Le regard féminin à l’écran
En quoi l’évolution contemporaine des productions audiovisuelles, et plus particulièrement celle des séries, permet-elle de déconstruire la prégnance du seul regard masculin et hétérosexuel sur les femmes au cinéma, et de faire émerger la possibilité d’un désir sans domination ? Cet entretien avec Iris Brey et Sandra Laugier a été mené dans le cadre de notre partenariat avec Citéphilo dont l’édition 2020 a pu se tenir dans un format numérique : retrouvez ici toutes les interventions.
Iris Brey est critique de cinéma et essayiste. Elle est l’autrice du Regard féminin. Une révolution à l’écran1. Sandra Laugier est philosophe, professeure à l’université Paris-I Panthéon-Sorbonne, spécialiste de philosophie américaine et de l’éthique du care, et autrice de Nos vies en séries2. Ces deux essais réfléchissent à l’émergence d’un « regard féminin », au cinéma et dans les séries. Iris Brey et Sandra Laugier reviennent ici sur la spécificité de ce regard, et la manière dont il transforme l’expérience du spectateur.
Pourriez-vous revenir sur le sens de l’expression « regard féminin » (female gaze) et sur le rôle éducatif ou émancipateur des séries ? Les séries seraient-elles plus centrales que les films et le cinéma en général pour l’éducation à l’égalité des sexes aujourd’hui ?
Iris Brey – L’expression female gaze fait référence à un regard qui permet aux spectateurs et spectatrices de ressentir les expériences de corps féminins, un regard qui met en valeur les expériences du corps biologique ou social des femmes. C’est aussi un regard qui déconstruit la notion de domination dans l’émergence du plaisir et du désir au sein du récit et aussi entre les spectateurs et spectatrices et l’œuvre. Laura Mulvey a démontré comment l’objectification du corps des femmes était centrale dans la construction du désir3. Le female gaze n’est donc pas une inversion du male gaze, selon laquelle les corps masculins seraient filmés comme des objets, mais un regard où le désir peut éclore sans domination et sans objectification. Ce regard plus inclusif peut jouer un rôle éducatif puisqu’il tend à réinventer la manière dont on filme le sexe, à promouvoir l’égalité et à valoriser ce que traverse une héroïne.

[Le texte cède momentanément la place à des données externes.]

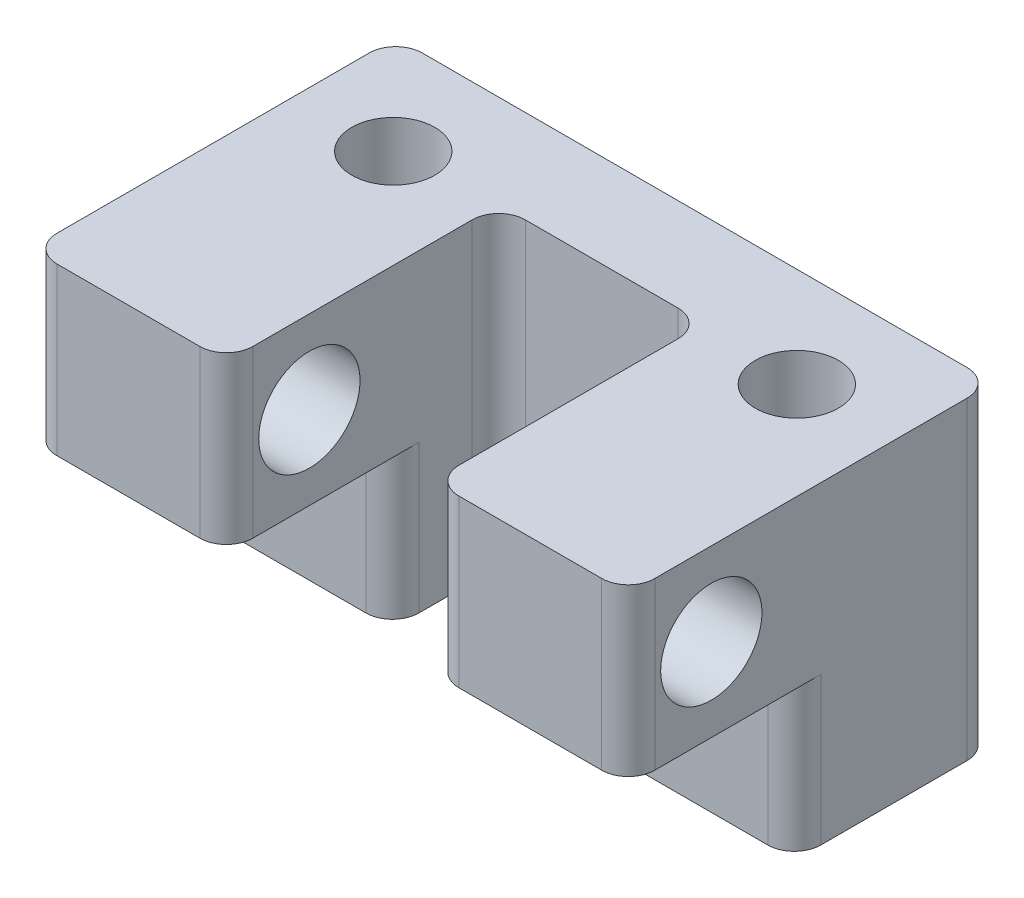
SolidWorks part; units mm, degrees
material "6061 合金"
ref_plane "前视基准面" through (0, 0, 0) normal (0, 0, 1) x (1, 0, 0)
ref_plane "上视基准面" through (0, 0, 0) normal (0, 1, 0) x (1, 0, 0)
ref_plane "右视基准面" through (0, 0, 0) normal (1, 0, 0) x (0, 0, -1)
sketch "草图1" plane through (0, 0, 0) normal (0, 1, 0) x (1, 0, 0)
  line L0 (-9, 2.8) -> (9, 2.8)
  line L5 (9, 2.8) -> (9, -3.2)
  line L6 (9, -3.2) -> (3.1, -3.2)
  line L7 (3.1, -3.2) -> (3.1, 0)
  line L8 (3.1, 0) -> (-3.1, 0)
  line L9 (-3.1, 0) -> (-3.1, -3.2)
  line L10 (-3.1, -3.2) -> (-9, -3.2)
  line L11 (-9, -3.2) -> (-9, 2.8)
  line L12 (0, 2.8) -> (0, 0) construction
  point P0 (0, 0)
  dimension "D1" = 6
  dimension "D4" = 5.9
  dimension "D2" = 18
  dimension "D3" = 3.2
extrude "凸台-拉伸1" add sketch "草图1" along normal blind 4.45
sketch "草图2" plane through (0, 4.45, 0) normal (0, 1, 0) x (1, 0, 0)
  line L0 (-3.1, -3.2) -> (-3.1, 0) construction
  line L1 (-3.1, 0) -> (3.1, 0) construction
  line L2 (3.1, 0) -> (3.1, -3.2) construction
  line L3 (9, -3.2) -> (9, 2.8) construction
  line L4 (9, 2.8) -> (-9, 2.8) construction
  line L5 (-9, 2.8) -> (-9, -3.2) construction
  line L6 (-3.1, -8.2) -> (-3.1, 0)
  line L7 (-3.1, 0) -> (3.1, 0)
  line L8 (3.1, 0) -> (3.1, -8.2)
  line L9 (9, -8.2) -> (9, 2.8)
  line L10 (9, 2.8) -> (-9, 2.8)
  line L11 (-9, 2.8) -> (-9, -8.2)
  line L12 (-9, -8.2) -> (-3.1, -8.2)
  line L13 (3.1, -8.2) -> (9, -8.2)
  line L14 (-9, -3.2) -> (-3.1, -3.2) construction
  dimension "D1" = 5
extrude "凸台-拉伸2" add sketch "草图2" along normal blind 5
sketch "草图3" plane through (0, 0, 0) normal (0, -1, 0) x (1, 0, 0)
  line L0 (0, 0) -> (0, -2.8) construction
  line L1 (9, -2.8) -> (-9, -2.8) construction
  point P0 (-6.075, 0.2)
  point P1 (6.075, 0.2)
  point P13 (-15.7826, 3.935)
  dimension "D1" = 12.15
  dimension "D2" = 3
hole_wizard "M3 螺纹孔1" positions "草图3" profile "草图4" tap size "M3" standard "GB" end condition through all
sketch "草图4" plane through (-6.075, 0, 0.2) normal (1, 0, 0) x (0, 0, -1)
  line L0 (0, 0) -> (0, 9.45)
  line L1 (0, 9.45) -> (1.25, 9.45)
  line L2 (1.25, 9.45) -> (1.25, 0)
  line L5 (1.25, 0) -> (0, 0)
  line L11 (0, -6.35) -> (0, 107.95) construction
  dimension "通孔螺纹孔钻头直径" = 2.5
  dimension "通孔螺纹孔钻头深度" = 9.45
cosmetic thread "孔螺纹线1" parameters "D2"=3
cosmetic thread "孔螺纹线2" parameters "D2"=3
sketch "草图5" plane through (-9, 0, 0) normal (-1, 0, 0) x (0, 0, 1)
  line L0 (8.2, 9.45) -> (8.2, 4.45) construction
  line L1 (-2.8, 9.45) -> (8.2, 9.45) construction
  circle A0 centre (5.7, 6.95) radius 1.525
  dimension "D1" = 3.05
  dimension "D2" = 2.5
  dimension "D3" = 2.5
extrude "切除-拉伸1" cut sketch "草图5" against normal through all
fillet "R0.8 圆角1" radius 0.8 12 edges at (3.1, 4.725, 0) (-3.1, 4.725, 0) (-9, 4.725, -2.8) (9, 4.725, -2.8) (9, 6.95, 8.2) (3.1, 6.95, 8.2) (-3.1, 6.95, 8.2) (-9, 6.95, 8.2) (-9, 2.225, 3.2) (-3.1, 2.225, 3.2) (3.1, 2.225, 3.2) (9, 2.225, 3.2)

Le female gaze n’est donc pas une inversion du male gaze, selon laquelle les corps masculins seraient filmés comme des objets, mais un regard où le désir peut éclore sans domination et sans objectification.
En effet, les séries sont un objet culturel qui possède une temporalité propice à l’exploration des sexualités, alors que le cinéma ne répond pas de la même manière à ces attentes. Je pense notamment aux brillantes scènes de sexe de Normal People qui durent parfois une dizaine de minutes et qui réussissent à révéler l’intimité des personnages, sans simplement chercher à accrocher l’audimat. Des séries comme Sex Education prennent aussi le temps de faire de la pédagogie, comme expliquer la notion de consentement. La série Pen15 s’attarde à explorer la puberté et les changements du corps des héroïnes. La nouvelle génération a envie de récits contemporains sur les sexualités, les corps et le genre. Et les séries prennent en compte ces demandes.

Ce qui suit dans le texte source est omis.